0

after groupby, i want to agg with lambda with condition, select only 'product1_Gift0' == 1

but doesn't seem able to get the answer

need guidance on the 'margin' calculation, instead of calculate all, calculate only when 'product1_Gift0' equal '1'

data = [['john', 'A01', 0, 0.0],['john', 'A01', 1, 1.0],['john', 'A01', 1, 0.5],['jess', 'B01', 0, 0.0],['jess', 'B01', 0, 0.0],['jess', 'B01', 1, 0.8]]

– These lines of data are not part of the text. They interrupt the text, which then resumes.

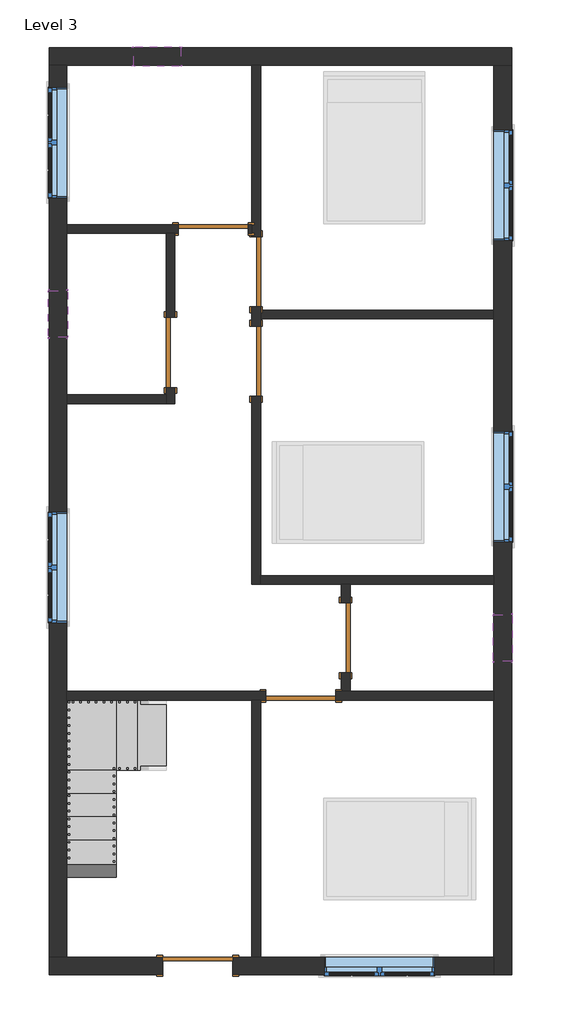
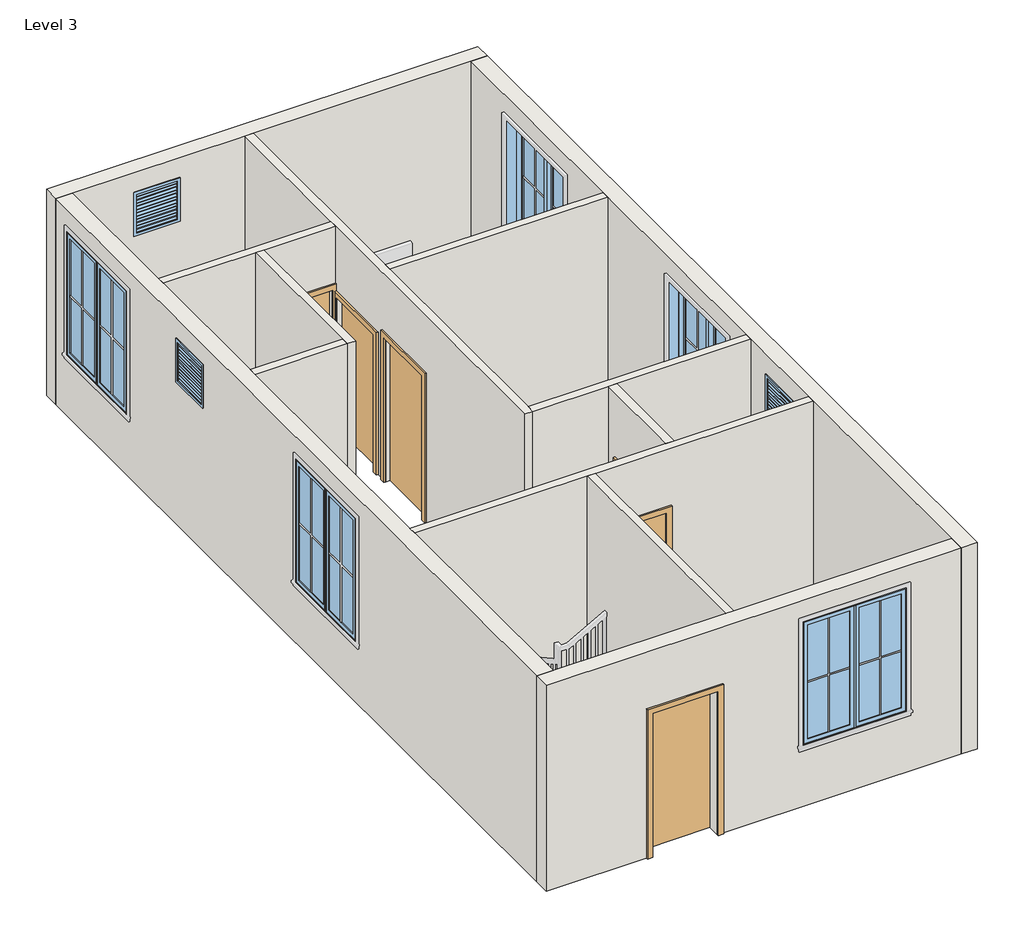
# One storey, part 1 of 2: 13 walls, 8 windows, 7 doors, 1 stair flight.
"""IFC4 building model written with IfcOpenShell, lengths in millimetres."""

from ifc_helpers import new_model, si_unit, frame, origin, place, context, project, spatial, polyline, outline, extrude, faceted_brep, transform, mapped, element, save
from components import door_5e62189b, door_17d80c48, door_e5f9f3c4, door_305aa2a5, door_0ca8825f, window_9ac97e1a, window_f2d8fef0

model = new_model("IFC4")

# Units and contexts
model_context = context("Model", 3, world=origin())
ifc_project = project(units=[si_unit("LENGTHUNIT", "METRE", prefix="MILLI")], contexts=[model_context])

# Site, building, storey
site = spatial("IfcSite", under=ifc_project)
building = spatial("IfcBuilding", under=site)
storey = spatial("IfcBuildingStorey", under=building, Name="Level 3", Elevation=3200.4)

# Doors
placement = place(None, origin())
door_shape = door_5e62189b(model_context)
element("IfcDoor", 1, ObjectType="Single-Flush : 36\" x 80\"", at=placement, inside=storey, context=model_context, shape_type="MappedRepresentation", body=[
    mapped(door_shape, transform((-2690.3389285, 2204.6069249, 3200.4), x_axis=(0.0, -1.0, 0.0), y_axis=(1.0, 0.0, 0.0), z_axis=(0.0, 0.0, 1.0))),
])
element("IfcDoor", 2, ObjectType="Single-Flush : 36\" x 80\"", at=placement, inside=storey, context=model_context, shape_type="MappedRepresentation", body=[
    mapped(door_shape, transform((-404.3389285, -1522.8430751, 3200.4), x_axis=(0.0, 1.0, 0.0), y_axis=(-1.0, 0.0, 0.0), z_axis=(0.0, 0.0, 1.0))),
])
door_2_shape = door_17d80c48(model_context)
element("IfcDoor", 3, ObjectType="Single-Flush : 36\" x 80\"", at=placement, inside=storey, context=model_context, shape_type="MappedRepresentation", body=[
    mapped(door_2_shape, transform((-1572.7389285, 3258.7069249, 3200.4), x_axis=(0.0, -1.0, 0.0), y_axis=(1.0, 0.0, 0.0), z_axis=(0.0, 0.0, 1.0))),
])
door_3_shape = door_e5f9f3c4(model_context)
element("IfcDoor", 4, ObjectType="Single-Flush : 36\" x 84\"", at=placement, inside=storey, context=model_context, shape_type="MappedRepresentation", body=[
    mapped(door_3_shape, transform((-2131.5389285, 3817.5069249, 3200.4), x_axis=(1.0, 0.0, 0.0), y_axis=(0.0, 1.0, 0.0), z_axis=(0.0, 0.0, 1.0))),
])
element("IfcDoor", 5, ObjectType="Single-Flush : 36\" x 84\"", at=placement, inside=storey, context=model_context, shape_type="MappedRepresentation", body=[
    mapped(door_3_shape, transform((-988.5389285, -2278.4930751, 3200.4), x_axis=(-1.0, 0.0, 0.0), y_axis=(0.0, -1.0, 0.0), z_axis=(0.0, 0.0, 1.0))),
])
door_4_shape = door_305aa2a5(model_context)
element("IfcDoor", 6, ObjectType="Single-Flush : 36\" x 84\"", at=placement, inside=storey, context=model_context, shape_type="MappedRepresentation", body=[
    mapped(door_4_shape, transform((-1572.7389285, 2090.3069249, 3200.4), x_axis=(0.0, 1.0, 0.0), y_axis=(-1.0, 0.0, 0.0), z_axis=(0.0, 0.0, 1.0))),
])
door_5_shape = door_0ca8825f(model_context)
element("IfcDoor", 7, ObjectType="Single-Flush : 36\" x 84\"", at=placement, inside=storey, context=model_context, shape_type="MappedRepresentation", body=[
    mapped(door_5_shape, transform((-2334.7389285, -5802.7430751, 3200.4), x_axis=(1.0, 0.0, 0.0), y_axis=(0.0, 1.0, 0.0), z_axis=(0.0, 0.0, 1.0))),
])

# Stair flight
element("IfcStairFlight", 8, ObjectType="3/4\" Nosing", at=placement, inside=storey, context=model_context, shape_type="Brep", body=[
    faceted_brep([(-2747.4889285, -3250.0430751, 3369.7333333), (-2747.4889285, -2335.6430751, 3369.7333333), (-3128.4889285, -2335.6430751, 3369.7333333), (-3128.4889285, -3250.0430751, 3369.7333333), (-3128.4889285, -3250.0430751, 3306.2333333), (-2754.6326785, -3250.0430751, 3306.2333333), (-2754.6326785, -2335.6430751, 3306.2333333), (-3128.4889285, -2335.6430751, 3306.2333333)], [[[0, 1, 2, 3]], [[0, 3, 4, 5]], [[2, 1, 6, 7]], [[1, 0, 5, 6]], [[4, 7, 6, 5]], [[7, 4, 3, 2]]]),
    faceted_brep([(-3128.4889285, -3250.0430751, 3539.0666667), (-3128.4889285, -2335.6430751, 3539.0666667), (-3401.5389285, -2335.6430751, 3539.0666667), (-3401.5389285, -3250.0430751, 3539.0666667), (-3401.5389285, -3250.0430751, 3475.5666667), (-3135.6326785, -3250.0430751, 3475.5666667), (-3135.6326785, -2335.6430751, 3475.5666667), (-3401.5389285, -2335.6430751, 3475.5666667)], [[[0, 1, 2, 3]], [[0, 3, 4, 5]], [[2, 1, 6, 7]], [[1, 0, 5, 6]], [[4, 7, 6, 5]], [[7, 4, 3, 2]]]),
    faceted_brep([(-3401.5389285, -3269.0930751, 3708.4), (-3401.5389285, -3250.0430751, 3708.4), (-3401.5389285, -2335.6430751, 3708.4), (-4042.8889285, -2335.6430751, 3708.4), (-4042.8889285, -3269.0930751, 3708.4), (-3401.5389285, -3269.0930751, 3644.9), (-3401.5389285, -3250.0430751, 3644.9), (-3408.6826785, -3250.0430751, 3644.9), (-3408.6826785, -2335.6430751, 3644.9), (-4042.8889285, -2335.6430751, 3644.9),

df2 = pd.DataFrame(data, columns = ['member', 'orderID','product1_Gift0','margin']) 

df3 = df2.groupby('member').agg({
                                 'product1_Gift0': lambda x: sum(x)/len(x),
                                 'margin' : lambda x: sum(x)/len(x),
                              })

actual_result = [['john', 'A01', 0.3333, 0.50],
                 ['john', 'A01', 0.6667, 0.27]]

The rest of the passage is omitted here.